Photographer:  Pam Harrison
Josh arrived just in time to take over the chair from Dianne and pay tribute to his great-grandfather a veteran of both World Wars who was shot in the arm at the Battle of Vimy Ridge then, having joined the merchant marine in WWII, was torpedoed and spent 14 hours in the water before being rescued.  Josh’s grandfather was too young to serve in WWII and at age 14 was the oldest male in Dorchester, all the men having enlisted.
TRHS Principal Susan Lafford was on hand to accept a Gold Mine cheque for $588.50 on behalf of the school.  In thanking the club for their continuing support she reported that the last donation had helped pay for the new landscaping at the school.
50-50 Draw:   Mary’s number was drawn but she failed to pick the Nine of Clubs.  The pot now stands at $169.
Happy Dollars: Dianne reported that Frank has made his last trip to Rogersville; he had supper with the pharmacy staff before handing over the keys to the new owner.  On a sad note this will be the first Remembrance Day since the passing of Dianne’s father.
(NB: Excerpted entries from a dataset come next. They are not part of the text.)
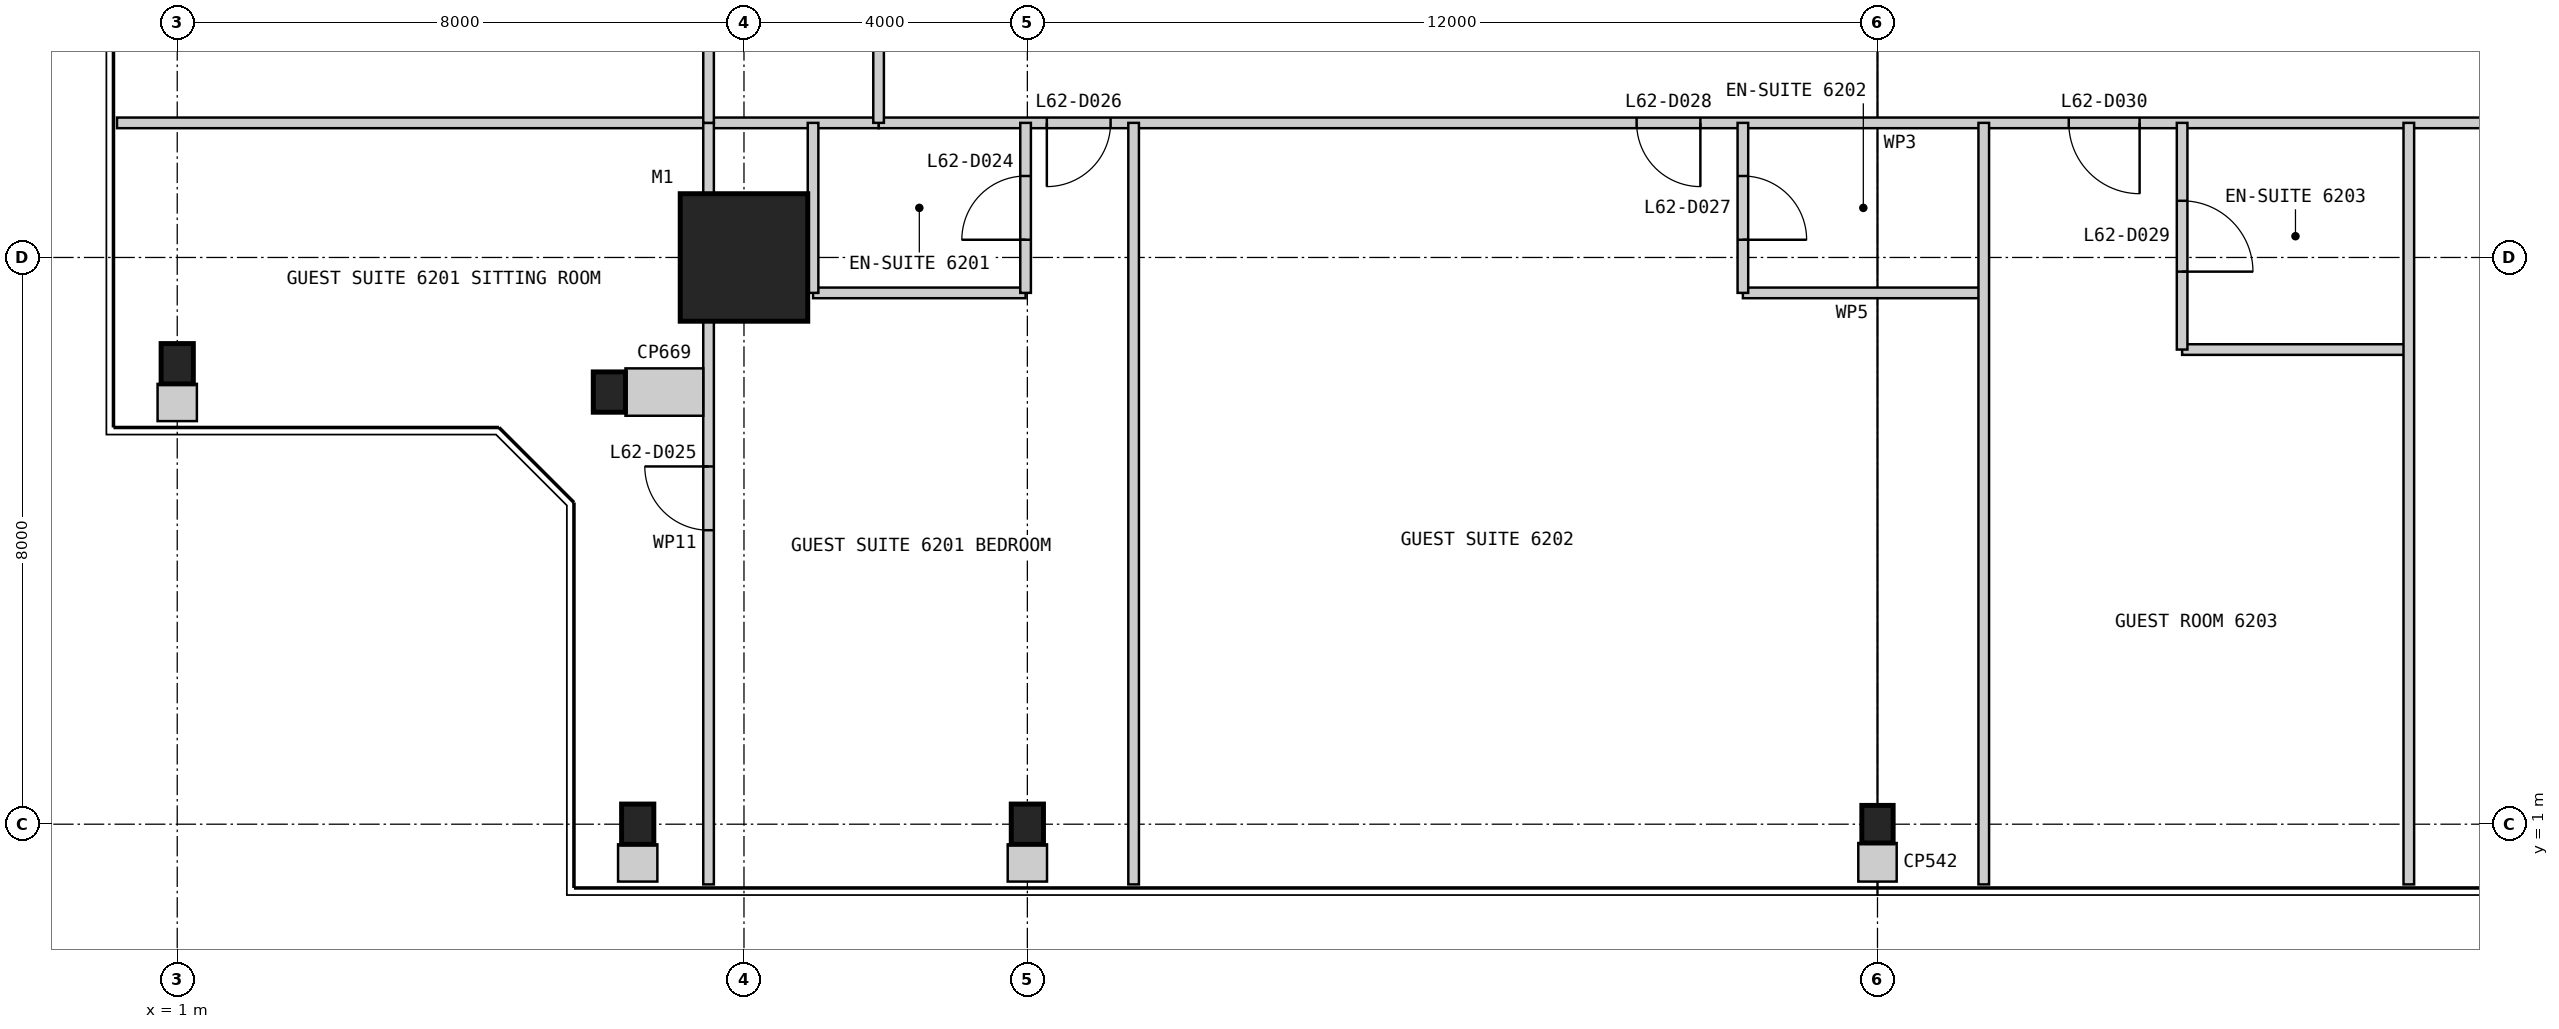
"""IFC4 building model, lengths in metres.
Left out: names, types, materials, properties, quantities, classifications, styles, units other than length and angle.
Written with IfcOpenShell. Run it as: python <this file> out.ifc"""

import sys

from ifc_helpers import new_model, si_unit, direction, frame, frame_2d, origin, origin_2d, place, context, subcontext, project, spatial, rectangle, i_section, extrude, element, fill, save


model = new_model("IFC4")
c1 = context("Model", 3, precision=1e-05, world=origin(), true_north=direction((0.0, 1.0)))
c2 = subcontext(c1, "Body", "Model", "MODEL_VIEW")
j1 = project(units=[si_unit("LENGTHUNIT", "METRE"), si_unit("PLANEANGLEUNIT", "RADIAN")], contexts=[c1])
p1 = place(None, origin())
s1 = spatial("IfcSite", under=j1, at=p1, CompositionType="ELEMENT")
p2 = place(p1, origin())
s2 = spatial("IfcBuilding", under=s1, at=p2, CompositionType="ELEMENT")
p3 = place(p2, frame((0.0, 0.0, 262.8)))
s3 = spatial("IfcBuildingStorey", under=s2, at=p3, CompositionType="ELEMENT", Elevation=262.8)
p4 = place(p3, frame((9.0, 9.0, 0.0), z_axis=(0.0, 0.0, 1.0), x_axis=(1.0, 0.0, 0.0)))
e1 = element("IfcColumn", 1, at=p4, inside=s3, PredefinedType="COLUMN", context=c2, shape_type="SweptSolid", body=[
    extrude(rectangle(XDim=1.8, YDim=1.8, at=origin_2d()), origin(), (0.0, 0.0, 1.0), 3.4),
])
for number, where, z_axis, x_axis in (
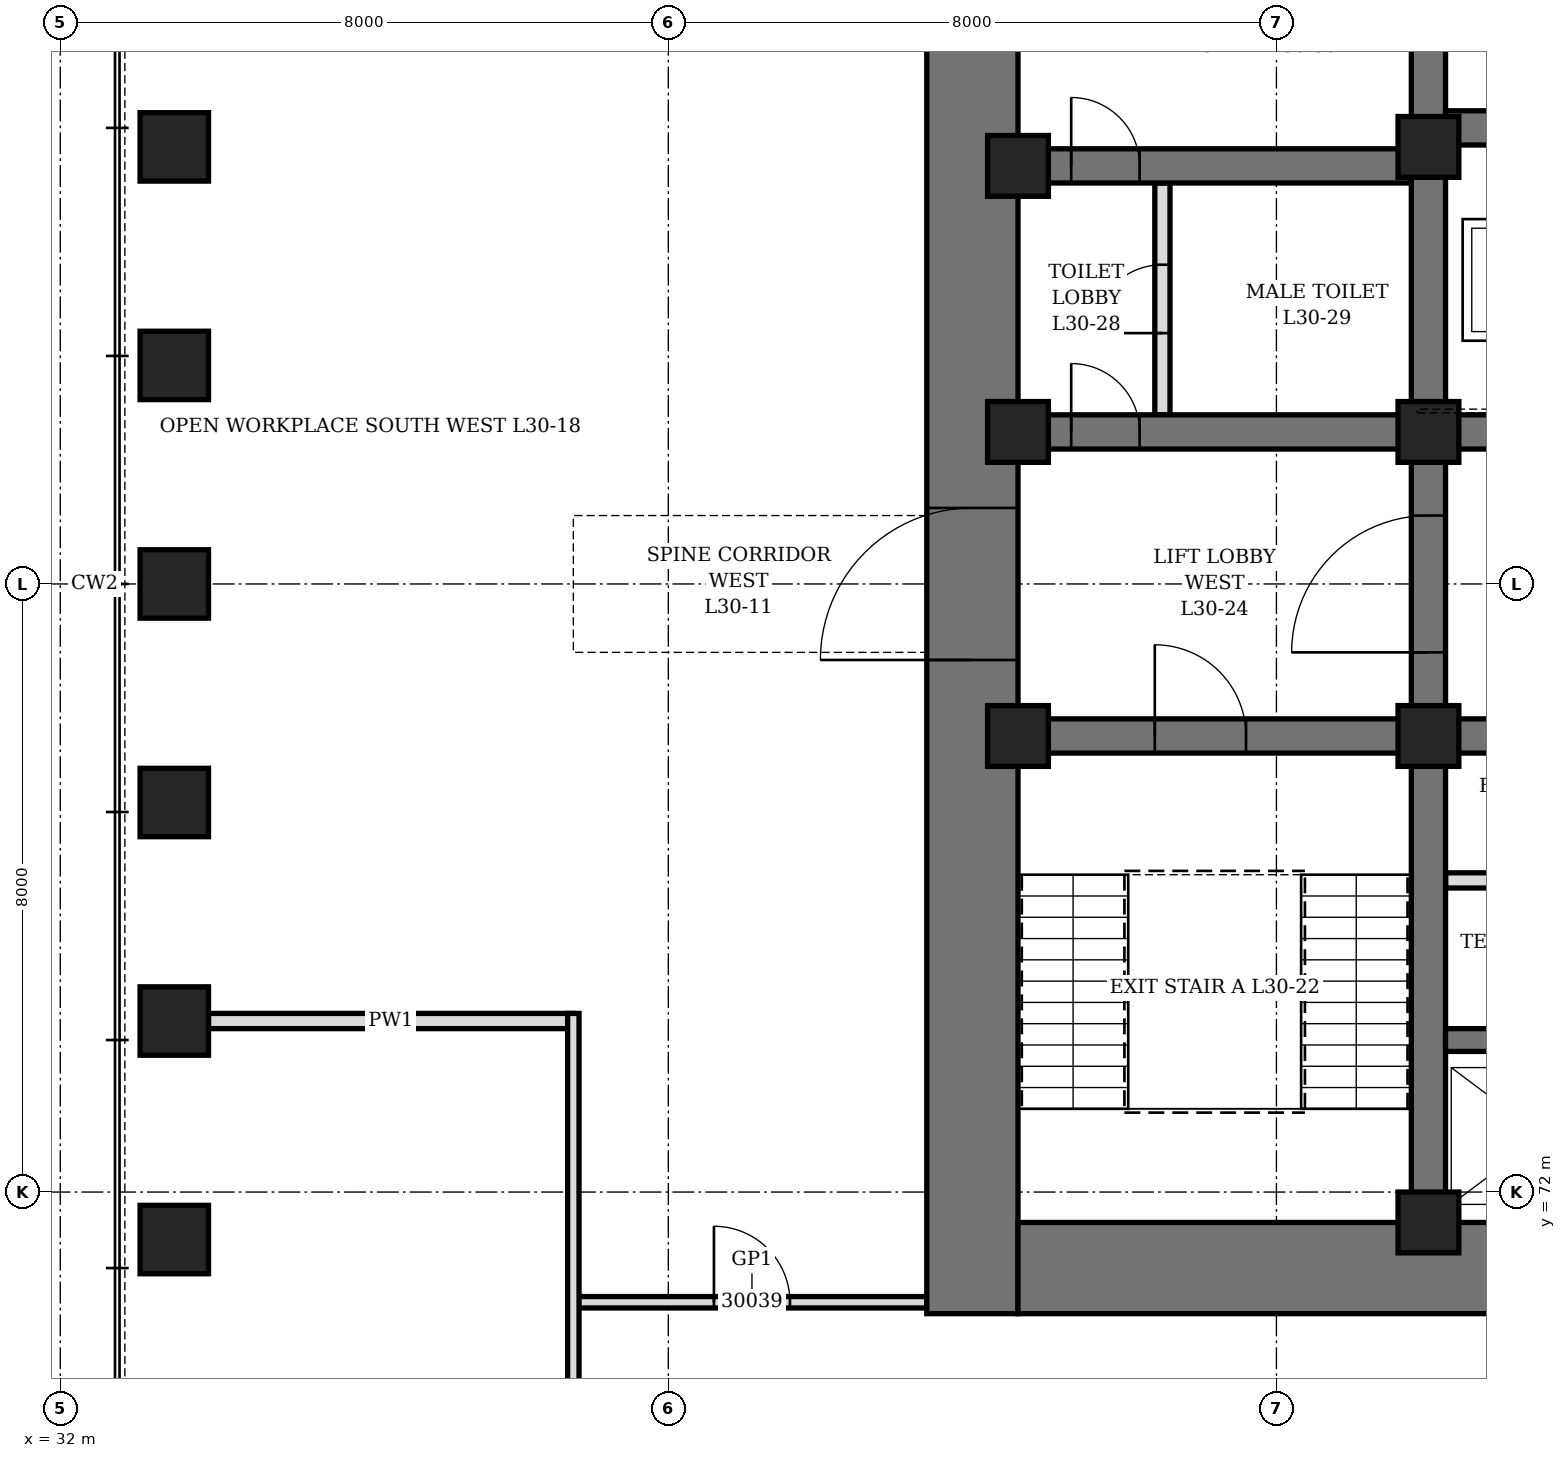
"""IFC4 building model, lengths in metres.
Left out: names, types, materials, properties, quantities, classifications, styles, units other than length and angle.
Written with IfcOpenShell. Run it as: python <this file> out.ifc"""

import sys

from ifc_helpers import new_model, si_unit, direction, frame, frame_2d, origin, origin_2d, place, context, subcontext, project, spatial, rectangle, hollow_rectangle, extrude, element, fill, save


model = new_model("IFC4")
c1 = context("Model", 3, precision=1e-05, world=origin(), true_north=direction((0.0, 1.0)))
c2 = subcontext(c1, "Body", "Model", "MODEL_VIEW")
j1 = project(units=[si_unit("LENGTHUNIT", "METRE"), si_unit("PLANEANGLEUNIT", "RADIAN")], contexts=[c1])
p1 = place(None, origin())
s1 = spatial("IfcSite", under=j1, at=p1, CompositionType="ELEMENT")
p2 = place(p1, origin())
s2 = spatial("IfcBuilding", under=s1, at=p2, CompositionType="ELEMENT")
p3 = place(p2, frame((0.0, 0.0, 137.5)))
s3 = spatial("IfcBuildingStorey", under=s2, at=p3, CompositionType="ELEMENT", Elevation=137.5)
for number, where, z_axis, x_axis in (
    (1, (33.5, 85.75, 0.0), (0.0, 0.0, 1.0), (0.0, 1.0, 0.0)),
    (2, (33.5, 82.875, 0.0), (0.0, 0.0, 1.0), (0.0, 1.0, 0.0)),
    (3, (33.5, 80.0, 0.0), (0.0, 0.0, 1.0), (0.0, 1.0, 0.0)),
    (4, (33.5, 77.125, 0.0), (0.0, 0.0, 1.0), (0.0, 1.0, 0.0)),
    (5, (33.5, 74.25, 0.0), (0.0, 0.0, 1.0), (0.0, 1.0, 0.0)),
    (6, (33.5, 71.375, 0.0), (0.0, 0.0, 1.0), (0.0, 1.0, 0.0)),
):
    element("IfcColumn", number, at=place(p3, frame(where, z_axis=z_axis, x_axis=x_axis)), inside=s3, PredefinedType="COLUMN", context=c2, shape_type="SweptSolid", body=[
        extrude(hollow_rectangle(XDim=0.9, YDim=0.9, WallThickness=0.15, at=origin_2d()), origin(), (0.0, 0.0, 1.0), 4.2),
    ])
p4 = place(p3, frame((44.0, 70.4, 0.0), z_axis=(0.0, 0.0, 1.0), x_axis=(0.0, 1.0, 0.0)))
e7 = element("IfcWall", 7, at=p4, inside=s3, PredefinedType="SHEAR", context=c2, shape_type="SweptSolid", body=[
    extrude(rectangle(XDim=19.2, YDim=1.2, at=frame_2d((9.6, 0.0))), origin(), (0.0, 0.0, 1.0), 4.2),
])
p5 = place(p4, frame((8.6, 0.0, 0.0)))
e8 = element("IfcOpeningElement", 8, at=p5, cuts=e7, PredefinedType="OPENING", context=c2, shape_type="SweptSolid", body=[
    extrude(rectangle(XDim=2.0, YDim=2.4, at=frame_2d((1.0, 1.2))), frame((0.0, 0.61, 0.0), z_axis=(0.0, -1.0, 0.0), x_axis=(1.0, 0.0, 0.0)), (0.0, 0.0, 1.0), 1.22),
])
p6 = place(p3, frame((44.6, 71.0, 0.0), z_axis=(0.0, 0.0, 1.0), x_axis=(1.0, 0.0, 0.0)))
e9 = element("IfcWall", 9, at=p6, inside=s3, PredefinedType="SHEAR", context=c2, shape_type="SweptSolid", body=[
    extrude(rectangle(XDim=22.8, YDim=1.2, at=frame_2d((11.4, 0.0))), origin(), (0.0, 0.0, 1.0), 4.2),
])
p7 = place(p3, frame((50.0, 71.6, 0.0), z_axis=(0.0, 0.0, 1.0), x_axis=(0.0, 1.0, 0.0)))
e10 = element("IfcWall", 10, at=p7, inside=s3, PredefinedType="SHEAR", context=c2, shape_type="SweptSolid", body=[
    extrude(rectangle(XDim=16.8, YDim=0.45, at=frame_2d((8.4, 0.0))), origin(), (0.0, 0.0, 1.0), 4.2),
])
p8 = place(p7, frame((7.5, 0.0, 0.0)))
e11 = element("IfcOpeningElement", 11, at=p8, cuts=e10, PredefinedType="OPENING", context=c2, shape_type="SweptSolid", body=[
    extrude(rectangle(XDim=1.8, YDim=2.4, at=frame_2d((0.9, 1.2))), frame((0.0, 0.235, 0.0), z_axis=(0.0, -1.0, 0.0), x_axis=(1.0, 0.0, 0.0)), (0.0, 0.0, 1.0), 0.47),
])
p9 = place(p3, frame((44.6, 78.0, 0.0), z_axis=(0.0, 0.0, 1.0), x_axis=(1.0, 0.0, 0.0)))
e12 = element("IfcWall", 12, at=p9, inside=s3, PredefinedType="SHEAR", context=c2, shape_type="SweptSolid", body=[
    extrude(rectangle(XDim=5.175, YDim=0.45, at=frame_2d((2.587, 0.0))), origin(), (0.0, 0.0, 1.0), 4.2),
])
p10 = place(p9, frame((1.8, 0.0, 0.0)))
e13 = element("IfcOpeningElement", 13, at=p10, cuts=e12, PredefinedType="OPENING", context=c2, shape_type="SweptSolid", body=[
    extrude(rectangle(XDim=1.2, YDim=2.1, at=frame_2d((0.6, 1.05))), frame((0.0, 0.235, 0.0), z_axis=(0.0, -1.0, 0.0), x_axis=(1.0, 0.0, 0.0)), (0.0, 0.0, 1.0), 0.47),
])
p11 = place(p3, frame((44.6, 82.0, 0.0), z_axis=(0.0, 0.0, 1.0), x_axis=(1.0, 0.0, 0.0)))
e14 = element("IfcWall", 14, at=p11, inside=s3, PredefinedType="SHEAR", context=c2, shape_type="SweptSolid", body=[
    extrude(rectangle(XDim=5.175, YDim=0.45, at=frame_2d((2.587, 0.0))), origin(), (0.0, 0.0, 1.0), 4.2),
])
p12 = place(p11, frame((0.7, 0.0, 0.0)))
e15 = element("IfcOpeningElement", 15, at=p12, cuts=e14, PredefinedType="OPENING", context=c2, shape_type="SweptSolid", body=[
    extrude(rectangle(XDim=0.9, YDim=2.1, at=frame_2d((0.45, 1.05))), frame((0.0, 0.235, 0.0), z_axis=(0.0, -1.0, 0.0), x_axis=(1.0, 0.0, 0.0)), (0.0, 0.0, 1.0), 0.47),
])
p13 = place(p3, frame((44.6, 85.5, 0.0), z_axis=(0.0, 0.0, 1.0), x_axis=(1.0, 0.0, 0.0)))
e16 = element("IfcWall", 16, at=p13, inside=s3, PredefinedType="SHEAR", context=c2, shape_type="SweptSolid", body=[
    extrude(rectangle(XDim=5.175, YDim=0.45, at=frame_2d((2.587, 0.0))), origin(), (0.0, 0.0, 1.0), 4.2),
])
p14 = place(p13, frame((0.7, 0.0, 0.0)))
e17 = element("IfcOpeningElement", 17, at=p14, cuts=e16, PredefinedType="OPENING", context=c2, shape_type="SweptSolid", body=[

He was a veteran; six buddies from Hartland N.B. went to the war and he was the only one who came back.  Susan F was anxious as her son is currently in Washington, D.C.
Next Week:   Chair: Joyce;   Greeter and Thanker: Bill;   Introducer:  Susan F.
Rotary Foundation:  David thanked all those who contributed to last week’s in-house auction in aid of the Rotary Foundation.  Now it can be told:  the amount raised was $1,718 !   Tim was the one whose guess was closest to the amount and who therefore won the bottle of wine.
Club Admin:  John (on behalf of Wayne) announced that the club is looking for a new secretary for next Rotary year (2017-18).  Wayne wants to step down from some of his many duties so a new bulletin editor will be required as well as a Visiting Speakers organizer.
Speaker:  Sandy introduced TRHS teacher John Fougere back by popular demand for a Remembrance Day talk.  This year he shared the results of his researches into the life of Sackville native Homer Wellington PalmerHomer was born on 12 October 1897 on a farm off Ogden Mill Road, one of 13 children.  His father was a Superintendent of Schools for the area.  He moved to Calgary and it was there that he enlisted in 1915 at age 18 in the Canadian Infantry (Alberta Regiment).  His enlistment form (below) completed in his own handwriting is available on the internet.
After basic training he sailed to Europe and experienced his baptism of fire at the Battle of the Somme which saw massive casualties in a deadly struggle for a few hundred yards of territory.  He also survived the Battle of Vimy Ridge (commemorated by a striking war memorial).  However on 3 June 1917 he was reported missing in action at a place called Liévin in northern France, and his body was recovered the following day.  In accordance with the usual practice he was initially buried close by, but later moved to an official Canadian War Graves Commission cemetery at La Chaudiere, Pas de Calais, France.  Like all next of kin of fallen soldiers his parents received a bronze medallion about five inches in diameter known as a “death penny.” Several of these medallions can be seen attached to graves of family members in the Sackville cemetery.
Unfortunately no photo of Homer is available and the surviving members of his family are scattered across North America.  However, John has been in touch with a grand-niece who lives in Orlando, Florida.  He hopes to pursue further research with a view to writing an article.
Pam thanked the speaker for his most interesting talk, and the meeting closed with the Four Way Test.